Suppose $a$ and $b$ are positive real constants. Consider the function $f: \mathbb C \to \mathbb C$ defined as $$ f(z)=1+z+ae^{-bz}.$$
My question is:
Can we find a "useful" sufficient condition on $a$ and $b$ that guarantees that $f$ has no zeroes on the closed positive half-plane $R=\{z \in \mathbb C : {\rm Re}(z) \geq 0\}$?
Some initial observations:
$a < 1$ is a sufficient condition that ensures that $f$ has no zeroes on $R$. Indeed if $a < 1$, then $|ae^{-bz}| \leq a < 1 \leq |1+z|$ for all $z\in R$.
$b = 0$ is a sufficient condition that ensures that $f$ has no zeroes on $R$. Indeed, if $b=0$, then $f(z)= 1+z$, whose only zero lies at $z = -1$.
But ideally, I would prefer to have a statement that says, "If $a$ and $b$ together obey such-and-such inequality, then $f$ is guaranteed to have no zeroes on $R$". This inequality should have $a < 1$ and $b = 0$ as special cases. Please let me know if you have any ideas.
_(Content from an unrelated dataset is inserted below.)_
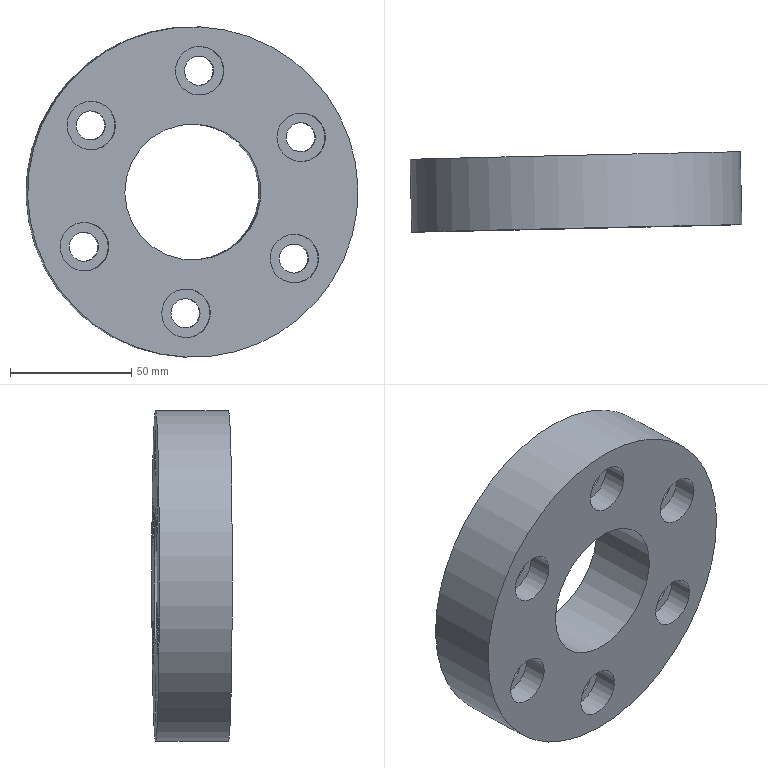Component | NX | 9 | 1 solid | 34 faces | volume 317427 mm3 | cylinder 20 | plane 14 | commonest cylinder face diameters 20 x12 12 x6 136 x1 56 x1

[This question arose when studying a Laplace transform representation of solutions to a class of integral equations. Any progress on this question will improve my understanding of how the asymptotic behaviour of my solutions depends on parameters.]
Update: I've made some progress with this, but my argument isn't really a complex analysis argument, and I feel like there is an even stronger sufficient condition out there...
So here is what I've done. We already know what happens when $a < 1$, so we'll focus on the $a \geq 1$ case. I claim that if $$ b < \frac{\cos^{-1}(-\tfrac 1 a)}{\sqrt{a^2 - 1}},$$ then $f$ has no zeros on the positive half-plane $R$.
Indeed, suppose $z=x+iy$ is a zero of $f$, with $x \geq 0$. Then we have $$ \begin{align} 1+x+ae^{-bx}\cos by = 0 \\ y - ae^{-bx}\sin by = 0\end{align}$$ To satisfy the first equation, we must have $$ \cos b y \leq -\tfrac 1 a,$$ which implies that $$ |y| \geq \frac{\cos^{-1}(-\tfrac 1 a)}{b}$$ and also that $$ |ae^{-bx} \sin by| \leq \sqrt{a^2 - 1}$$ Hence the second equation is inconsistent with the inequality $b < \frac{\cos^{-1}(-\tfrac 1 a)}{\sqrt{a^2 - 1}}$, which proves the claim.